HomeApresiasiMuhammadafi Mulantara Berhasil Tembus Jurnal Terakreditasi Sinta 5

Muhammadafi Mulantara Berhasil Tembus Jurnal Terakreditasi Sinta 5

Mempublikasikan artikel ilmiah di jurnal terakreditasi adalah impian banyak akademisi, tak terkecuali mahasiswa. Prestasi ini tentunya menjadi sebuah bukti nyata terkait kemampuan mahasiswa dalam melakukan penelitian dan kontribusi nyata dalam ilmu pengetahuan.
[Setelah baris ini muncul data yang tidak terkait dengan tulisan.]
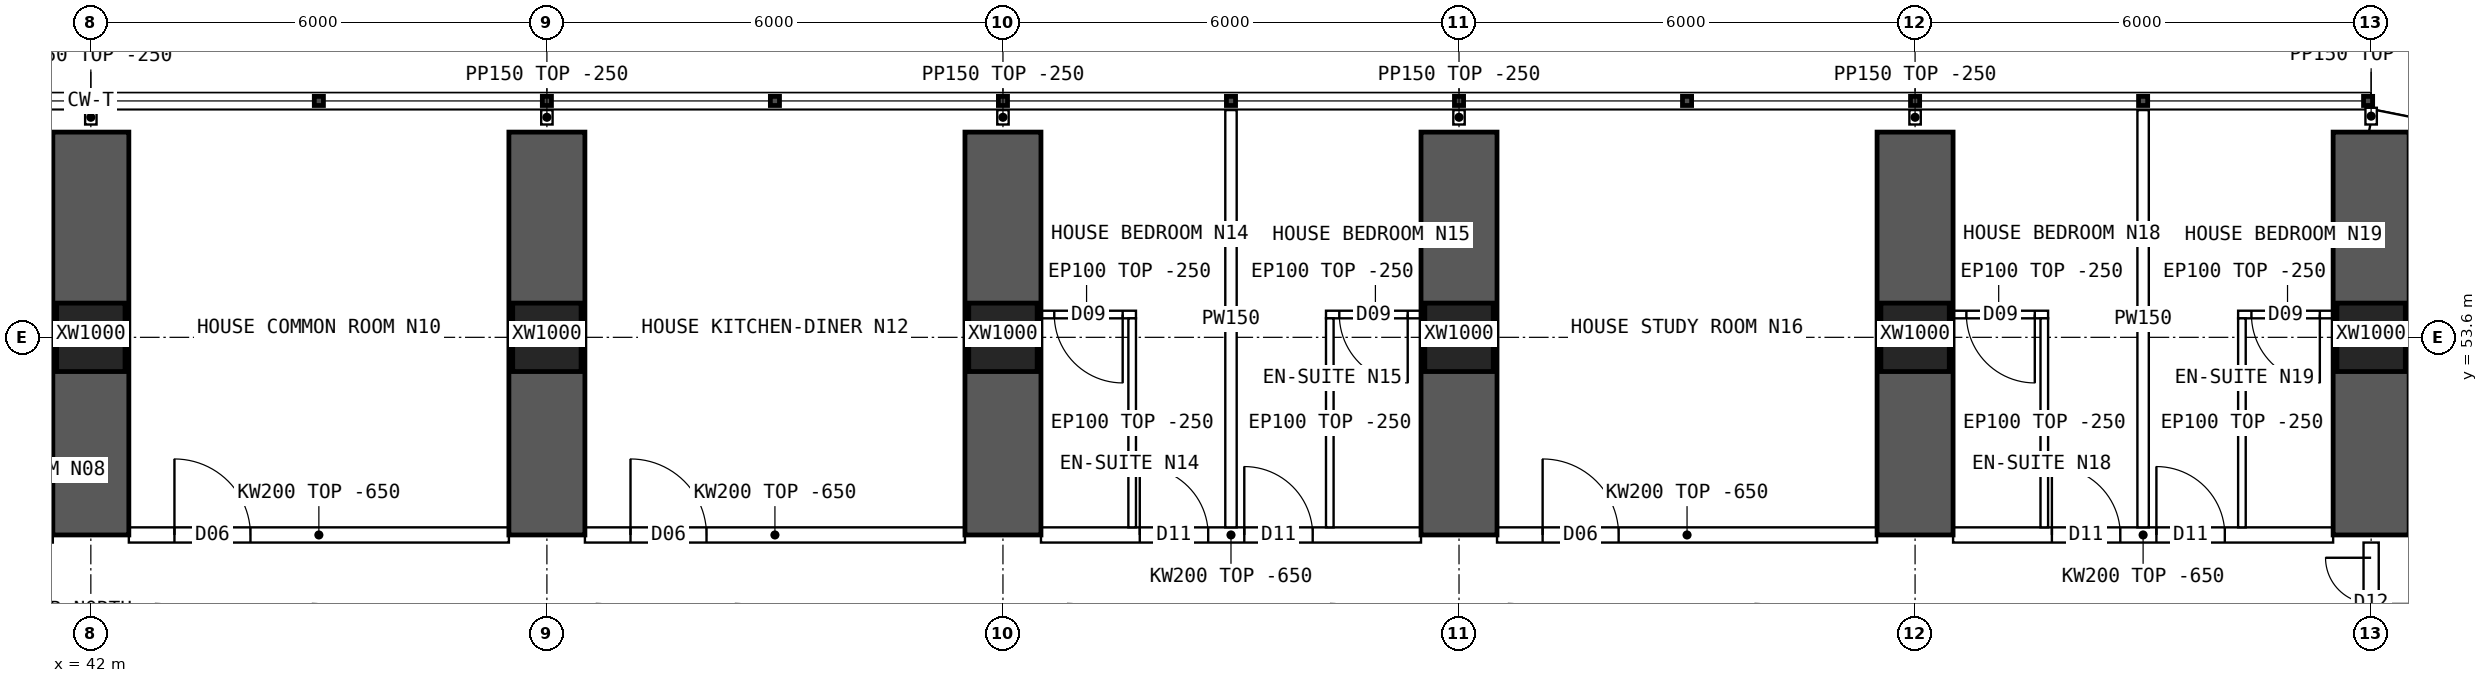
"""IFC4 building model, lengths in metres.
Left out: names, types, materials, properties, quantities, classifications, styles, units other than length and angle.
Written with IfcOpenShell. Run it as: python <this file> out.ifc"""

import sys

from ifc_helpers import new_model, si_unit, direction, frame, frame_2d, origin, origin_2d, place, context, subcontext, project, spatial, polyline, rectangle, hollow_rectangle, outline, extrude, element, fill, save


model = new_model("IFC4")
c1 = context("Model", 3, precision=1e-05, world=origin(), true_north=direction((0.0, 1.0)))
c2 = subcontext(c1, "Body", "Model", "MODEL_VIEW")
j1 = project(units=[si_unit("LENGTHUNIT", "METRE"), si_unit("PLANEANGLEUNIT", "RADIAN")], contexts=[c1])
p1 = place(None, origin())
s1 = spatial("IfcSite", under=j1, at=p1, CompositionType="ELEMENT")
p2 = place(p1, origin())
s2 = spatial("IfcBuilding", under=s1, at=p2, CompositionType="ELEMENT")
p3 = place(p2, frame((0.0, 0.0, 46.45)))
s3 = spatial("IfcBuildingStorey", under=s2, at=p3, CompositionType="ELEMENT", Elevation=46.45)
for number, where, z_axis, x_axis in (
    (1, (42.0, 53.6, 0.0), (0.0, 0.0, 1.0), (1.0, 0.0, 0.0)),
    (2, (48.0, 53.6, 0.0), (0.0, 0.0, 1.0), (1.0, 0.0, 0.0)),
    (3, (54.0, 53.6, 0.0), (0.0, 0.0, 1.0), (1.0, 0.0, 0.0)),
    (4, (60.0, 53.6, 0.0), (0.0, 0.0, 1.0), (1.0, 0.0, 0.0)),
    (5, (66.0, 53.6, 0.0), (0.0, 0.0, 1.0), (1.0, 0.0, 0.0)),
    (6, (72.0, 53.6, 0.0), (0.0, 0.0, 1.0), (1.0, 0.0, 0.0)),
):
    element("IfcColumn", number, at=place(p3, frame(where, z_axis=z_axis, x_axis=x_axis)), inside=s3, PredefinedType="COLUMN", context=c2, shape_type="SweptSolid", body=[
        extrude(hollow_rectangle(XDim=0.9, YDim=0.9, WallThickness=0.09, at=origin_2d()), origin(), (0.0, 0.0, 1.0), 3.75),
    ])
for number, where, z_axis, x_axis in (
    (7, (42.0, 51.0, 0.0), (0.0, 0.0, 1.0), (0.0, 1.0, 0.0)),
    (8, (48.0, 51.0, 0.0), (0.0, 0.0, 1.0), (0.0, 1.0, 0.0)),
    (9, (54.0, 51.0, 0.0), (0.0, 0.0, 1.0), (0.0, 1.0, 0.0)),
    (10, (60.0, 51.0, 0.0), (0.0, 0.0, 1.0), (0.0, 1.0, 0.0)),
    (11, (66.0, 51.0, 0.0), (0.0, 0.0, 1.0), (0.0, 1.0, 0.0)),
    (12, (72.0, 51.0, 0.0), (0.0, 0.0, 1.0), (0.0, 1.0, 0.0)),
):
    element("IfcWall", number, at=place(p3, frame(where, z_axis=z_axis, x_axis=x_axis)), inside=s3, PredefinedType="SHEAR", context=c2, shape_type="SweptSolid", body=[
        extrude(rectangle(XDim=5.3, YDim=1.0, at=frame_2d((2.65, 0.0))), origin(), (0.0, 0.0, 1.0), 3.75),
    ])
p4 = place(p3, frame((75.157, 55.822, 0.0), z_axis=(0.0, 0.0, 1.0), x_axis=(-0.980787251524, 0.195080412259, 0.0)))
e13 = element("IfcWall", 13, at=p4, inside=s3, PredefinedType="SOLIDWALL", context=c2, shape_type="SweptSolid", body=[
    extrude(outline(polyline([(-0.03, -0.15), (3.249, -0.15), (3.189, 0.15), (0.03, 0.15), (-0.03, -0.15)])), origin(), (0.0, 0.0, 1.0), 3.5),
])
p5 = place(p4, frame((0.909, 0.0, 0.9)))
e14 = element("IfcOpeningElement", 14, at=p5, cuts=e13, PredefinedType="OPENING", context=c2, shape_type="SweptSolid", body=[
    extrude(rectangle(XDim=1.4, YDim=1.8, at=frame_2d((0.7, 0.9))), frame((0.0, 0.16, 0.0), z_axis=(0.0, -1.0, 0.0), x_axis=(1.0, 0.0, 0.0)), (0.0, 0.0, 1.0), 0.32),
])
p6 = place(p3, frame((42.5, 51.0, 0.0), z_axis=(0.0, 0.0, 1.0), x_axis=(1.0, 0.0, 0.0)))
e15 = element("IfcWall", 15, at=p6, inside=s3, PredefinedType="SOLIDWALL", context=c2, shape_type="SweptSolid", body=[
    extrude(outline(polyline([(0.0, 0.0), (5.0, 0.0), (5.0, 3.1), (0.0, 3.1), (0.0, 0.0)])), frame((0.0, 0.1, 0.0), z_axis=(0.0, -1.0, 0.0), x_axis=(1.0, 0.0, 0.0)), (0.0, 0.0, 1.0), 0.2),
])
p7 = place(p6, frame((0.6, 0.0, 0.0)))
e16 = element("IfcOpeningElement", 16, at=p7, cuts=e15, PredefinedType="OPENING", context=c2, shape_type="SweptSolid", body=[
    extrude(rectangle(XDim=1.0, YDim=2.1, at=frame_2d((0.5, 1.05))), frame((0.0, 0.11, 0.0), z_axis=(0.0, -1.0, 0.0), x_axis=(1.0, 0.0, 0.0)), (0.0, 0.0, 1.0), 0.22),
])
p8 = place(p3, frame((48.5, 51.0, 0.0), z_axis=(0.0, 0.0, 1.0), x_axis=(1.0, 0.0, 0.0)))
e17 = element("IfcWall", 17, at=p8, inside=s3, PredefinedType="SOLIDWALL", context=c2, shape_type="SweptSolid", body=[
    extrude(outline(polyline([(0.0, 0.0), (5.0, 0.0), (5.0, 3.1), (0.0, 3.1), (0.0, 0.0)])), frame((0.0, 0.1, 0.0), z_axis=(0.0, -1.0, 0.0), x_axis=(1.0, 0.0, 0.0)), (0.0, 0.0, 1.0), 0.2),
])
p9 = place(p8, frame((0.6, 0.0, 0.0)))
e18 = element("IfcOpeningElement", 18, at=p9, cuts=e17, PredefinedType="OPENING", context=c2, shape_type="SweptSolid", body=[
    extrude(rectangle(XDim=1.0, YDim=2.1, at=frame_2d((0.5, 1.05))), frame((0.0, 0.11, 0.0), z_axis=(0.0, -1.0, 0.0), x_axis=(1.0, 0.0, 0.0)), (0.0, 0.0, 1.0), 0.22),
])
p10 = place(p3, frame((54.5, 51.0, 0.0), z_axis=(0.0, 0.0, 1.0), x_axis=(1.0, 0.0, 0.0)))
e19 = element("IfcWall", 19, at=p10, inside=s3, PredefinedType="SOLIDWALL", context=c2, shape_type="SweptSolid", body=[
    extrude(outline(polyline([(0.0, 0.0), (5.0, 0.0), (5.0, 3.1), (0.0, 3.1), (0.0, 0.0)])), frame((0.0, 0.1, 0.0), z_axis=(0.0, -1.0, 0.0), x_axis=(1.0, 0.0, 0.0)), (0.0, 0.0, 1.0), 0.2),
])
p11 = place(p10, frame((1.3, 0.0, 0.0)))
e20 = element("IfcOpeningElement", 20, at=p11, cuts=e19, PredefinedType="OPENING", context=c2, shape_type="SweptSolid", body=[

Salah satu mahasiswa yang berhasil menembus publikasi di junal terakreditasi adalah Muhammadafi Mulantara, mahasiswa Program Studi Ilmu Komunikasi angkatan 2023.

Mahasiswa yang biasa dipanggil Afi ini berhasil mempublikasikan artikel dengan judul “Pengaruh Adiksi Media Sosial terhadap Tingkat Depresi Mahasiswa Studi Kuantitatif di Universitas Padjadjaran” pada jurnal Jurnal Penelitian Inovatif (JUPIN) yang terakreditasi Sinta 5. Penelitian ini membahas tentang apakah terdapat pengaruh dari adiksi penggunaan media sosial terhadap tingkat depresi seseorang.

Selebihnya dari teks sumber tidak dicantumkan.